Pull-up and pull-down resistors – These resistors are used to set a specific level (logic 0 or logic 1) at a floating pin. A pull-up resistor is connected to the power supply so it can pull the floating pin to logic high level. A pull-down resistor connects the floating pin to the ground (logic 0).
Push-Pull
Push-pull is the most common output configuration. Just as its name suggests,
In Fig. 1 we can see a push-pull output implementation using a PMOS and an NMOS transistor. Shown on the left side is the operation during the push phase and on the right side is the operation during the pull phase.
- Push phase – When the Internal Signal connected to the gates of the transistors (see the figure above) is set to a low logic level (logic 0), the PMOS transistor is activated and current flows through it from the VDD to the output pin. NMOS transistor is inactive (open) and not conducting.
- Pull phase – When the Internal Signal connected to the gates of the transistors is set to a high logic level (logic 1), the NMOS transistor is activated (closed) and current starts to flow through it from the output pin to the GND. At the same time, the PMOS transistor is inactive (open) and is not conducting current.

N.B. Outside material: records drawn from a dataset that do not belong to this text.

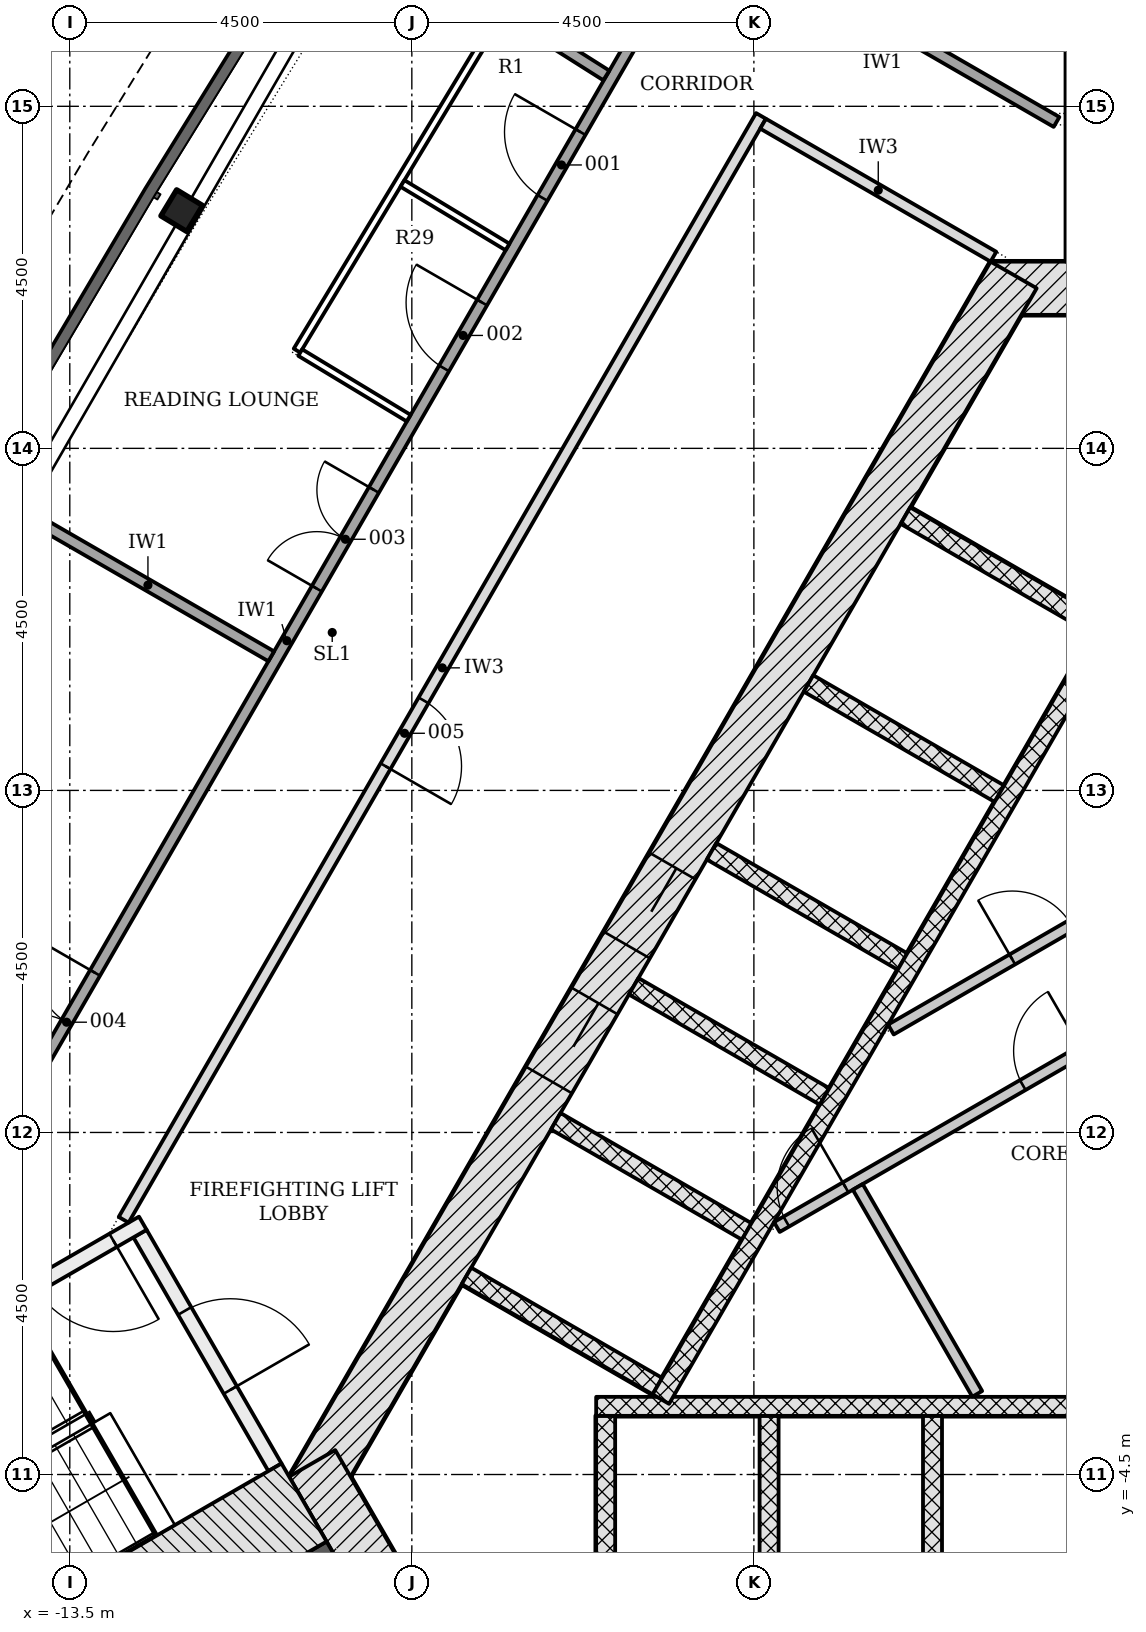
"""IFC4 building model, lengths in metres.
Left out: names, types, materials, properties, quantities, classifications, styles, units other than length and angle.
Written with IfcOpenShell. Run it as: python <this file> out.ifc"""

import sys

from ifc_helpers import new_model, si_unit, direction, frame, frame_2d, origin, origin_2d, place, context, subcontext, project, spatial, rectangle, i_section, extrude, element, fill, save


model = new_model("IFC4")
c1 = context("Model", 3, precision=1e-05, world=origin(), true_north=direction((0.0, 1.0)))
c2 = subcontext(c1, "Body", "Model", "MODEL_VIEW")
j1 = project(units=[si_unit("LENGTHUNIT", "METRE"), si_unit("PLANEANGLEUNIT", "RADIAN")], contexts=[c1])
p1 = place(None, origin())
s1 = spatial("IfcSite", under=j1, at=p1, CompositionType="ELEMENT")
p2 = place(p1, origin())
s2 = spatial("IfcBuilding", under=s1, at=p2, CompositionType="ELEMENT")
p3 = place(p2, frame((0.0, 0.0, 109.5)))
s3 = spatial("IfcBuildingStorey", under=s2, at=p3, CompositionType="ELEMENT", Elevation=109.5)
p4 = place(p3, frame((1.386, 11.106, -0.2), z_axis=(0.0, 0.0, 1.0), x_axis=(-1.0, 0.0, 0.0)))
e1 = element("IfcWall", 1, at=p4, inside=s3, PredefinedType="SHEAR", context=c2, shape_type="SweptSolid", body=[
    extrude(rectangle(XDim=2.771, YDim=0.7, at=frame_2d((1.386, 0.0))), origin(), (0.0, 0.0, 1.0), 3.6),
])
p5 = place(p3, frame((-1.083, 11.281, -0.2), z_axis=(0.0, 0.0, 1.0), x_axis=(-0.500001446645, -0.866024568562, 0.0)))
e2 = element("IfcWall", 2, at=p5, inside=s3, PredefinedType="SHEAR", context=c2, shape_type="SweptSolid", body=[
    extrude(rectangle(XDim=18.458, YDim=0.7, at=frame_2d((9.229, 0.0))), origin(), (0.0, 0.0, 1.0), 3.6),
])
p6 = place(p5, frame((8.979, 0.0, 0.2)))
e3 = element("IfcOpeningElement", 3, at=p6, cuts=e2, PredefinedType="OPENING", context=c2, shape_type="SweptSolid", body=[
    extrude(rectangle(XDim=1.2, YDim=2.1, at=frame_2d((0.6, 1.05))), frame((0.0, 0.36, 0.0), z_axis=(0.0, -1.0, 0.0), x_axis=(1.0, 0.0, 0.0)), (0.0, 0.0, 1.0), 0.72),
])
p7 = place(p5, frame((11.029, 0.0, 0.2)))
e4 = element("IfcOpeningElement", 4, at=p7, cuts=e2, PredefinedType="OPENING", context=c2, shape_type="SweptSolid", body=[
    extrude(rectangle(XDim=1.2, YDim=2.1, at=frame_2d((0.6, 1.05))), frame((0.0, 0.36, 0.0), z_axis=(0.0, -1.0, 0.0), x_axis=(1.0, 0.0, 0.0)), (0.0, 0.0, 1.0), 0.72),
])
p8 = place(p3, frame((-10.311, -4.353, -0.2), z_axis=(0.0, 0.0, 1.0), x_axis=(0.500042739161, -0.866000726912, 0.0)))
e5 = element("IfcWall", 5, at=p8, inside=s3, PredefinedType="SHEAR", context=c2, shape_type="SweptSolid", body=[
    extrude(rectangle(XDim=2.771, YDim=0.7, at=frame_2d((1.386, 0.0))), origin(), (0.0, 0.0, 1.0), 3.6),
])
p9 = place(p3, frame((0.0, 11.456, -0.2), z_axis=(0.0, 0.0, 1.0), x_axis=(0.0, 1.0, 0.0)))
e6 = element("IfcWall", 6, at=p9, inside=s3, PredefinedType="SHEAR", context=c2, shape_type="SweptSolid", body=[
    extrude(rectangle(XDim=11.919, YDim=0.8, at=frame_2d((5.959, 0.0))), origin(), (0.0, 0.0, 1.0), 3.6),
])
p10 = place(p3, frame((-9.922, -5.728, -0.2), z_axis=(0.0, 0.0, 1.0), x_axis=(-0.866027307971, -0.499996701837, 0.0)))
e7 = element("IfcWall", 7, at=p10, inside=s3, PredefinedType="SHEAR", context=c2, shape_type="SweptSolid", body=[
    extrude(rectangle(XDim=11.918, YDim=0.8, at=frame_2d((5.959, 0.0))), origin(), (0.0, 0.0, 1.0), 3.6),
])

This type of output doesn’t allow connecting multiple devices together in a bus configuration, like the open drain output. Push-pull configuration is most commonly used in interfaces that have unidirectional lines (transmission on the line is only in a single direction – SPI, UART etc.).
As push-pull outputs are constantly driven (high or low), they provide better performance when it comes to the slopes of the generated output digital signals.
It should be noted that an output pin configured as push-pull can in most cases be dynamically reconfigured to become an input. This is achieved by closing both of the transistors, thus achieving high impedance state on the line. Then the line can be driven from other external devices and sensed with dedicated logic inside the integrated circuit.
Open Drain
In
On Fig. 2 we can see an open drain output. It is implemented using an N-channel MOS transistor that pulls the output pin to ground when the transistor is on and leaves it floating when the transistor is off.
Open drain outputs are most commonly used in communication interfaces where multiple devices are connected on the same line (e.g I2C, One-Wire etc.). When all of the outputs of the devices connected to the line are in Hi-Z state, the line is driven to a default logic 1 level by a pull-up. Any device can pull the line to logic 0 using its open drain output and all devices can see this level.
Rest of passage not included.